# Antisocial Rats



## Failoore (Dec 17, 2017)

So whenever I try to find someone giving advice on antisocial behavior, it's about rescued rats, pet store rats, aggressive rats, or generally rats that fear human contact. The thing is, mine don't.

Mine are 9 months old, I had them since they were month old (2 boys). I feel like they got used to me pretty well. They are fed once a day with handful of dry food, that I make at home. And they also get fruits and veggies and treats. They get as much roam time as possible (once a day from 1 hour to couple hours), I thought giving them more roam time would make them more tired and more interested in people but it didn't so I stopped. I try to avoid giving them food when they are out of cage because they try to hide it and then it smells and goes bad and I usually can't even find it but of course small treat sized is fine, as they eat it right away.

So, when they are in cage, they either eat/drink and mostly sleep. I have never seen them chew on toys but they are chewed so, yeah. When they are out of the cage, they run around the room, bite into cards, wooden stuff, plastic stuff. I try to hide everything that I don't want destroyed. Sometimes I like to train them but they seem to be distracted so much, it's like they are hyperactive so I just let them run around. My point is, they either try to eat things, or they try to eat things, they've already explored the whole room so there's nothing else to do, really.

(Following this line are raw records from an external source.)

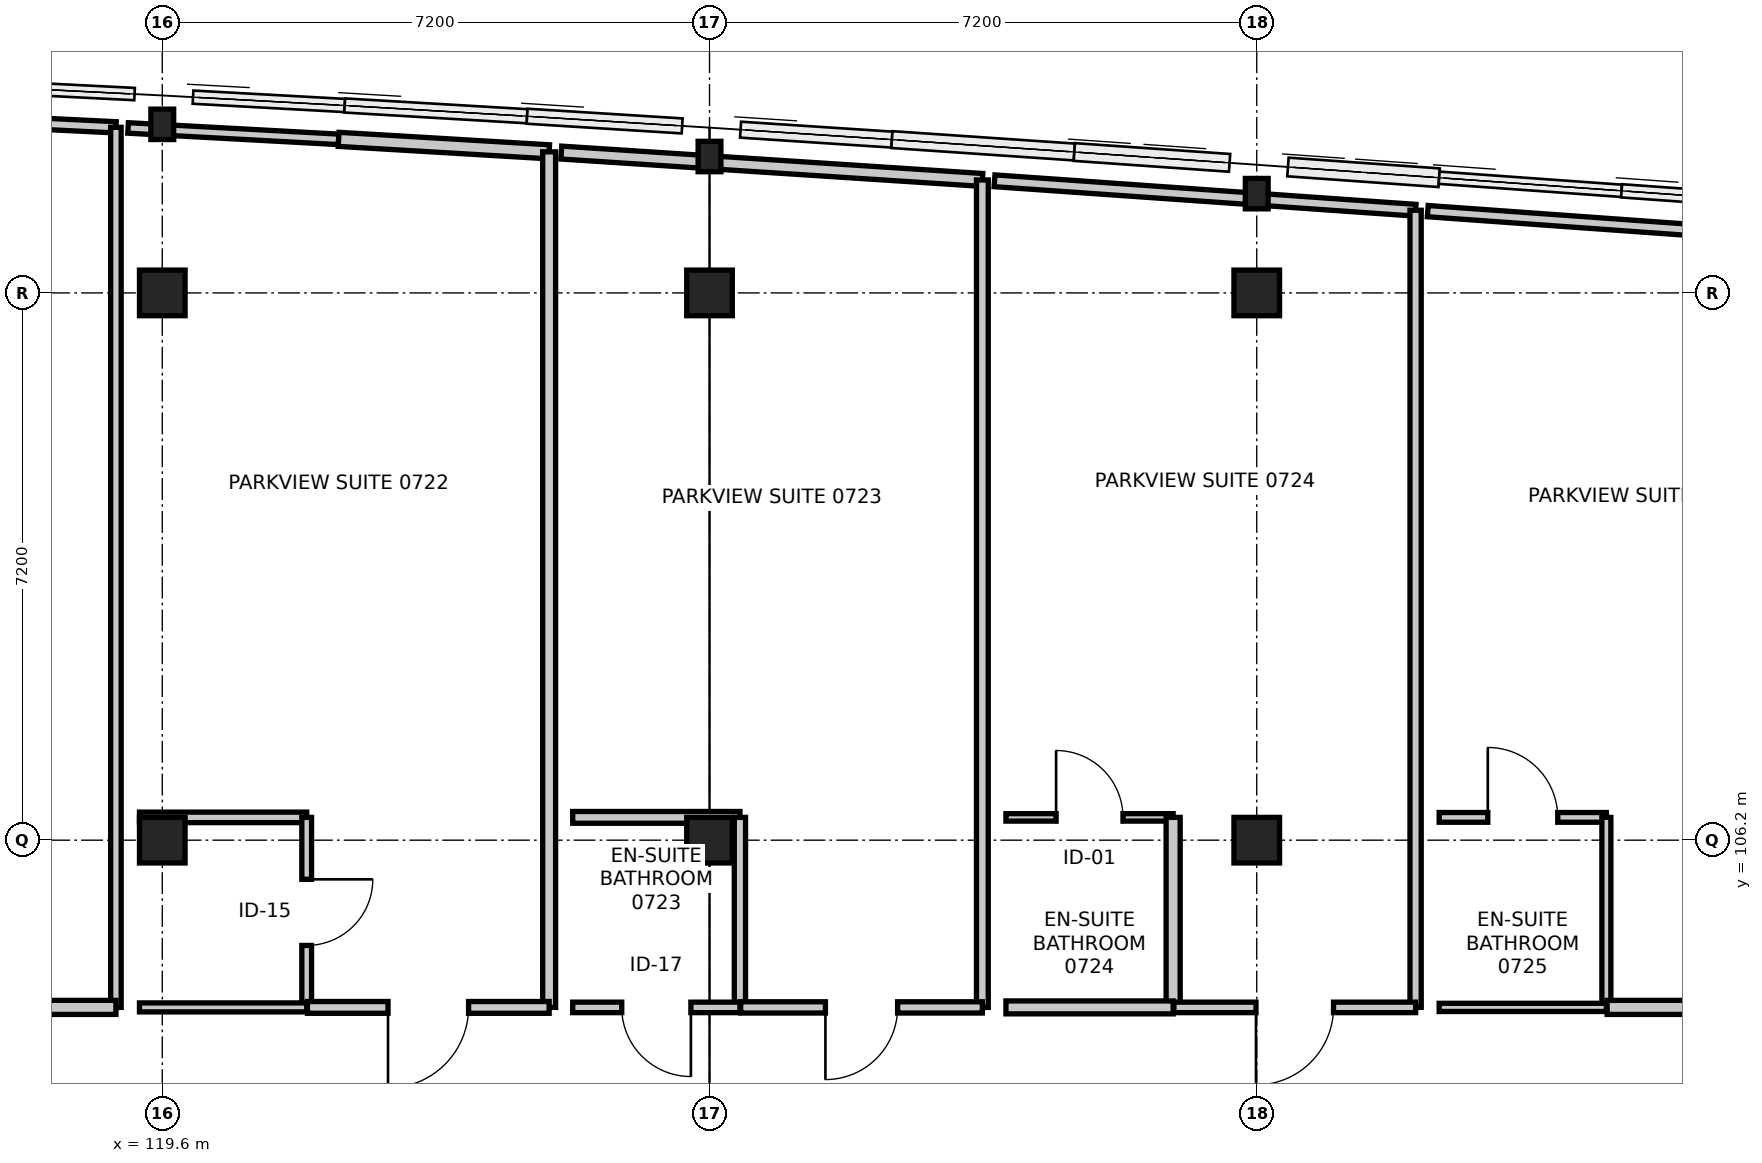
"""IFC4 building model, lengths in metres.
Left out: names, types, materials, properties, quantities, classifications, styles, units other than length and angle.
Written with IfcOpenShell. Run it as: python <this file> out.ifc"""

import sys

from ifc_helpers import new_model, si_unit, direction, frame, frame_2d, origin, origin_2d, place, context, subcontext, project, spatial, rectangle, i_section, extrude, element, fill, save


model = new_model("IFC4")
c1 = context("Model", 3, precision=1e-05, world=origin(), true_north=direction((0.0, 1.0)))
c2 = subcontext(c1, "Body", "Model", "MODEL_VIEW")
j1 = project(units=[si_unit("LENGTHUNIT", "METRE"), si_unit("PLANEANGLEUNIT", "RADIAN")], contexts=[c1])
p1 = place(None, origin())
s1 = spatial("IfcSite", under=j1, at=p1, CompositionType="ELEMENT")
p2 = place(p1, origin())
s2 = spatial("IfcBuilding", under=s1, at=p2, CompositionType="ELEMENT")
p3 = place(p2, frame((0.0, 0.0, 30.0)))
s3 = spatial("IfcBuildingStorey", under=s2, at=p3, CompositionType="ELEMENT", Elevation=30.0)
for number, where, z_axis, x_axis in (
    (1, (119.6, 106.2, 0.0), (0.0, 0.0, 1.0), (1.0, 0.0, 0.0)),
    (2, (119.6, 113.4, 0.0), (0.0, 0.0, 1.0), (1.0, 0.0, 0.0)),
):
    element("IfcColumn", number, at=place(p3, frame(where, z_axis=z_axis, x_axis=x_axis)), inside=s3, PredefinedType="COLUMN", context=c2, shape_type="SweptSolid", body=[
        extrude(rectangle(XDim=0.6, YDim=0.6, at=origin_2d()), origin(), (0.0, 0.0, 1.0), 3.6),
    ])
p4 = place(p3, frame((119.6, 115.618, 0.0), z_axis=(0.0, 0.0, 1.0), x_axis=(1.0, 0.0, 0.0)))
e3 = element("IfcColumn", 3, at=p4, inside=s3, PredefinedType="COLUMN", context=c2, shape_type="SweptSolid", body=[
    extrude(i_section(OverallWidth=0.3, OverallDepth=0.4, WebThickness=0.013, FlangeThickness=0.024, FilletRadius=0.027, at=origin_2d()), origin(), (0.0, 0.0, 1.0), 3.6),
])
for number, where, z_axis, x_axis in (
    (4, (126.8, 106.2, 0.0), (0.0, 0.0, 1.0), (1.0, 0.0, 0.0)),
    (5, (126.8, 113.4, 0.0), (0.0, 0.0, 1.0), (1.0, 0.0, 0.0)),
):
    element("IfcColumn", number, at=place(p3, frame(where, z_axis=z_axis, x_axis=x_axis)), inside=s3, PredefinedType="COLUMN", context=c2, shape_type="SweptSolid", body=[
        extrude(rectangle(XDim=0.6, YDim=0.6, at=origin_2d()), origin(), (0.0, 0.0, 1.0), 3.6),
    ])
p5 = place(p3, frame((126.8, 115.194, 0.0), z_axis=(0.0, 0.0, 1.0), x_axis=(1.0, 0.0, 0.0)))
e6 = element("IfcColumn", 6, at=p5, inside=s3, PredefinedType="COLUMN", context=c2, shape_type="SweptSolid", body=[
    extrude(i_section(OverallWidth=0.3, OverallDepth=0.4, WebThickness=0.013, FlangeThickness=0.024, FilletRadius=0.027, at=origin_2d()), origin(), (0.0, 0.0, 1.0), 3.6),
])
for number, where, z_axis, x_axis in (
    (7, (134.0, 106.2, 0.0), (0.0, 0.0, 1.0), (1.0, 0.0, 0.0)),
    (8, (134.0, 113.4, 0.0), (0.0, 0.0, 1.0), (1.0, 0.0, 0.0)),
):
    element("IfcColumn", number, at=place(p3, frame(where, z_axis=z_axis, x_axis=x_axis)), inside=s3, PredefinedType="COLUMN", context=c2, shape_type="SweptSolid", body=[
        extrude(rectangle(XDim=0.6, YDim=0.6, at=origin_2d()), origin(), (0.0, 0.0, 1.0), 3.6),
    ])
p6 = place(p3, frame((134.0, 114.706, 0.0), z_axis=(0.0, 0.0, 1.0), x_axis=(1.0, 0.0, 0.0)))
e9 = element("IfcColumn", 9, at=p6, inside=s3, PredefinedType="COLUMN", context=c2, shape_type="SweptSolid", body=[
    extrude(i_section(OverallWidth=0.3, OverallDepth=0.4, WebThickness=0.013, FlangeThickness=0.024, FilletRadius=0.027, at=origin_2d()), origin(), (0.0, 0.0, 1.0), 3.6),
])
p7 = place(p3, frame((116.22, 115.713, 0.0), z_axis=(0.0, 0.0, 1.0), x_axis=(0.998818612245, -0.048594030844, 0.0)))
e10 = element("IfcWall", 10, at=p7, inside=s3, PredefinedType="PARTITIONING", context=c2, shape_type="SweptSolid", body=[
    extrude(rectangle(XDim=2.773, YDim=0.148, at=frame_2d((1.387, 0.0))), origin(), (0.0, 0.0, 1.0), 2.936),
])
p8 = place(p3, frame((118.99, 115.578, 0.0), z_axis=(0.0, 0.0, 1.0), x_axis=(0.0, -1.0, 0.0)))
e11 = element("IfcWall", 11, at=p8, inside=s3, PredefinedType="PARTITIONING", context=c2, shape_type="SweptSolid", body=[
    extrude(rectangle(XDim=11.578, YDim=0.138, at=frame_2d((5.789, 0.0))), origin(), (0.0, 0.0, 1.0), 2.745),
])
p9 = place(p3, frame((118.99, 104.0, 0.0), z_axis=(0.0, 0.0, 1.0), x_axis=(-1.0, 0.0, 0.0)))
e12 = element("IfcWall", 12, at=p9, inside=s3, PredefinedType="PARTITIONING", context=c2, shape_type="SweptSolid", body=[
    extrude(rectangle(XDim=3.18, YDim=0.185, at=frame_2d((1.59, 0.0))), origin(), (0.0, 0.0, 1.0), 3.36),
])
p10 = place(p9, frame((1.1, 0.0, 0.0)))
e13 = element("IfcOpeningElement", 13, at=p10, cuts=e12, PredefinedType="OPENING", context=c2, shape_type="SweptSolid", body=[
    extrude(rectangle(XDim=0.98, YDim=2.15, at=frame_2d((0.49, 1.075))), frame((0.0, 0.103, 0.0), z_axis=(0.0, -1.0, 0.0), x_axis=(1.0, 0.0, 0.0)), (0.0, 0.0, 1.0), 0.205),
])
p11 = place(p3, frame((119.3, 106.5, 0.0), z_axis=(0.0, 0.0, 1.0), x_axis=(1.0, 0.0, 0.0)))
e14 = element("IfcWall", 14, at=p11, inside=s3, PredefinedType="PARTITIONING", context=c2, shape_type="SweptSolid", body=[
    extrude(rectangle(XDim=2.2, YDim=0.138, at=frame_2d((1.1, 0.0))), origin(), (0.0, 0.0, 1.0), 2.695),
])
p12 = place(p3, frame((121.5, 106.5, 0.0), z_axis=(0.0, 0.0, 1.0), x_axis=(0.0, -1.0, 0.0)))
e15 = element("IfcWall", 15, at=p12, inside=s3, PredefinedType="PARTITIONING", context=c2, shape_type="SweptSolid", body=[
    extrude(rectangle(XDim=2.5, YDim=0.128, at=frame_2d((1.25, 0.0))), origin(), (0.0, 0.0, 1.0), 2.745),
])
p13 = place(p12, frame((0.815, 0.0, 0.0)))
e16 = element("IfcOpeningElement", 16, at=p13, cuts=e15, PredefinedType="OPENING", context=c2, shape_type="SweptSolid", body=[
    extrude(rectangle(XDim=0.87, YDim=2.07, at=frame_2d((0.435, 1.035))), frame((0.0, 0.074, 0.0), z_axis=(0.0, -1.0, 0.0), x_axis=(1.0, 0.0, 0.0)), (0.0, 0.0, 1.0), 0.148),
])
p14 = place(p3, frame((121.5, 104.0, 0.0), z_axis=(0.0, 0.0, 1.0), x_axis=(-1.0, 0.0, 0.0)))
e17 = element("IfcWall", 17, at=p14, inside=s3, PredefinedType="PARTITIONING", context=c2, shape_type="SweptSolid", body=[
    extrude(rectangle(XDim=2.2, YDim=0.118, at=frame_2d((1.1, 0.0))), origin(), (0.0, 0.0, 1.0), 2.695),
])
p15 = place(p3, frame((119.15, 115.57, 0.0), z_axis=(0.0, 0.0, 1.0), x_axis=(0.998534185655, -0.054124671618, 0.0)))
e18 = element("IfcWall", 18, at=p15, inside=s3, PredefinedType="PARTITIONING", context=c2, shape_type="SweptSolid", body=[
    extrude(rectangle(XDim=2.774, YDim=0.138, at=frame_2d((1.387, 0.0))), origin(), (0.0, 0.0, 1.0), 2.936),
])
p16 = place(p3, frame((121.92, 115.42, 0.0), z_axis=(0.0, 0.0, 1.0), x_axis=(0.998250627829, -0.059124310056, 0.0)))
e19 = element("IfcWall", 19, at=p16, inside=s3, PredefinedType="PARTITIONING", context=c2, shape_type="SweptSolid", body=[
    extrude(rectangle(XDim=2.775, YDim=0.185, at=frame_2d((1.387, 0.0))), origin(), (0.0, 0.0, 1.0), 2.936),
])
p17 = place(p3, frame((124.69, 115.256, 0.0), z_axis=(0.0, 0.0, 1.0), x_axis=(0.0, -1.0, 0.0)))
e20 = element("IfcWall", 20, at=p17, inside=s3, PredefinedType="PARTITIONING", context=c2, shape_type="SweptSolid", body=[
    extrude(rectangle(XDim=11.256, YDim=0.17, at=frame_2d((5.628, 0.0))), origin(), (0.0, 0.0, 1.0), 2.745),
])
p18 = place(p3, frame((124.69, 104.0, 0.0), z_axis=(0.0, 0.0, 1.0), x_axis=(-1.0, 0.0, 0.0)))
e21 = element("IfcWall", 21, at=p18, inside=s3, PredefinedType="PARTITIONING", context=c2, shape_type="SweptSolid", body=[
    extrude(rectangle(XDim=3.18, YDim=0.155, at=frame_2d((1.59, 0.0))), origin(), (0.0, 0.0, 1.0), 3.36),
])
p19 = place(p18, frame((1.06, 0.0, 0.0)))
e22 = element("IfcOpeningElement", 22, at=p19, cuts=e21, PredefinedType="OPENING", context=c2, shape_type="SweptSolid", body=[
    extrude(rectangle(XDim=1.06, YDim=2.2, at=frame_2d((0.53, 1.1))), frame((0.0, 0.087, 0.0), z_axis=(0.0, -1.0, 0.0), x_axis=(1.0, 0.0, 0.0)), (0.0, 0.0, 1.0), 0.175),
])
p20 = place(p3, frame((125.0, 106.5, 0.0), z_axis=(0.0, 0.0, 1.0), x_axis=(1.0, 0.0, 0.0)))
e23 = element("IfcWall", 23, at=p20, inside=s3, PredefinedType="PARTITIONING", context=c2, shape_type="SweptSolid", body=[
    extrude(rectangle(XDim=2.2, YDim=0.155, at=frame_2d((1.1, 0.0))), origin(), (0.0, 0.0, 1.0), 2.695),
])
p21 = place(p3, frame((127.2, 106.5, 0.0), z_axis=(0.0, 0.0, 1.0), x_axis=(0.0, -1.0, 0.0)))
e24 = element("IfcWall", 24, at=p21, inside=s3, PredefinedType="PARTITIONING", context=c2, shape_type="SweptSolid", body=[
    extrude(rectangle(XDim=2.5, YDim=0.148, at=frame_2d((1.25, 0.0))), origin(), (0.0, 0.0, 1.0), 2.745),
])
p22 = place(p3, frame((127.2, 104.0, 0.0), z_axis=(0.0, 0.0, 1.0), x_axis=(-1.0, 0.0, 0.0)))
e25 = element("IfcWall", 25, at=p22, inside=s3, PredefinedType="PARTITIONING", context=c2, shape_type="SweptSolid", body=[
    extrude(rectangle(XDim=2.2, YDim=0.138, at=frame_2d((1.1, 0.0))), origin(), (0.0, 0.0, 1.0), 2.695),
])
p23 = place(p22, frame((0.645, 0.0, 0.0)))
e26 = element("IfcOpeningElement", 26, at=p23, cuts=e25, PredefinedType="OPENING", context=c2, shape_type="SweptSolid", body=[
    extrude(rectangle(XDim=0.91, YDim=2.11, at=frame_2d((0.455, 1.055))), frame((0.0, 0.079, 0.0), z_axis=(0.0, -1.0, 0.0), x_axis=(1.0, 0.0, 0.0)), (0.0, 0.0, 1.0), 0.158),
])
p24 = place(p3, frame((124.85, 115.246, 0.0), z_axis=(0.0, 0.0, 1.0), x_axis=(0.997893928542, -0.064866843445, 0.0)))
e27 = element("IfcWall", 27, at=p24, inside=s3, PredefinedType="PARTITIONING", context=c2, shape_type="SweptSolid", body=[
    extrude(rectangle(XDim=5.552, YDim=0.17, at=frame_2d((2.776, 0.0))), origin(), (0.0, 0.0, 1.0), 2.936),
])
p25 = place(p3, frame((130.39, 114.886, 0.0), z_axis=(0.0, 0.0, 1.0), x_axis=(0.0, -1.0, 0.0)))
e28 = element("IfcWall", 28, at=p25, inside=s3, PredefinedType="PARTITIONING", context=c2, shape_type="SweptSolid", body=[
    extrude(rectangle(XDim=10.886, YDim=0.155, at=frame_2d((5.443, 0.0))), origin(), (0.0, 0.0, 1.0), 2.745),
])
p26 = place(p3, frame((130.39, 104.0, 0.0), z_axis=(0.0, 0.0, 1.0), x_axis=(-1.0, 0.0, 0.0)))
e29 = element("IfcWall", 29, at=p26, inside=s3, PredefinedType="PARTITIONING", context=c2, shape_type="SweptSolid", body=[
    extrude(rectangle(XDim=3.18, YDim=0.148, at=frame_2d((1.59, 0.0))), origin(), (0.0, 0.0, 1.0), 3.36),
])
p27 = place(p26, frame((1.115, 0.0, 0.0)))
e30 = element("IfcOpeningElement", 30, at=p27, cuts=e29, PredefinedType="OPENING", context=c2, shape_type="SweptSolid", body=[
    extrude(rectangle(XDim=0.95, YDim=2.1, at=frame_2d((0.475, 1.05))), frame((0.0, 0.084, 0.0), z_axis=(0.0, -1.0, 0.0), x_axis=(1.0, 0.0, 0.0)), (0.0, 0.0, 1.0), 0.168),
])
p28 = place(p3, frame((130.7, 106.5, 0.0), z_axis=(0.0, 0.0, 1.0), x_axis=(1.0, 0.0, 0.0)))
e31 = element("IfcWall", 31, at=p28, inside=s3, PredefinedType="PARTITIONING", context=c2, shape_type="SweptSolid", body=[
    extrude(rectangle(XDim=2.2, YDim=0.098, at=frame_2d((1.1, 0.0))), origin(), (0.0, 0.0, 1.0), 3.36),
])
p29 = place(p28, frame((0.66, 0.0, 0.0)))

And I always tried to avoid pets that you can't have connection with, like snakes or spiders. I thought rats would be great, as I saw a lot of videos and pictures and articles about how affectionate rats can be, almost like dogs. I never saw this in my rats and I don't know what I do wrong, they usually come to me but just to eat my earphones or pee on my mouse when I'm on my laptop, as soon as i touch them they go away, like as fast as possible , sometiems they also squeak. The more I try to have physical contact, the more they try to run away.

Lately they bristle their fur, on eachother and on me and today one of them bit me, biting lasted around 4 seconds and it wasn't to blood but I could see it was aggresive, it wasn't just hit and run and that's where I realized something's wrong because all this time I thought we were playing, as the rat was coming back after I playfully touched it on the back over and over.

I don't know what to do. I can give them treats but I don't feel like it helps with bonding. It's just...food. They eat it, they go away, they don't care. They literally never stay with me or my boyfriend for longer than a second.

Am I just super lucky to get two male rats with "I don't care about you" personality? Or am I doing/not doing something I should?
(I copied this from a post I made on reddit, hopefully it's fine, I just need as much opinions as possible)


----------



## Shadow <3 (Jan 25, 2017)

I have to ask how old your boys are. Some male rats are unfortunately hit by hormonal aggression at 4-6 months of age. This can manifest as human aggression, rat aggression, or both. And as the testicles produce testosterone for a males entire life, the only way to remedy this issue is to neuter the rat in question.




Fur bristling and biting seems to point to hormonal aggression in my book. The other option could be that you have a strange rat like my girl Berry, who just gets so excited and anxious when you play hand wrestling/tickling games with her that she'll bite if you don't read the warning signs. But I saw this with Berry from day one, and even when she was a tiny baby she would do what your describing, seeming to playfully run away and bound back when playfully touched, only to puff and bite hard after a few rounds. Turns out that Berry just can't handle that kind of excitement, and I now play with her by using a string/cat toy/straw which I drag around (rats are surprisingly predatorial and all but the calmest ones will chase and pounce on a moving string).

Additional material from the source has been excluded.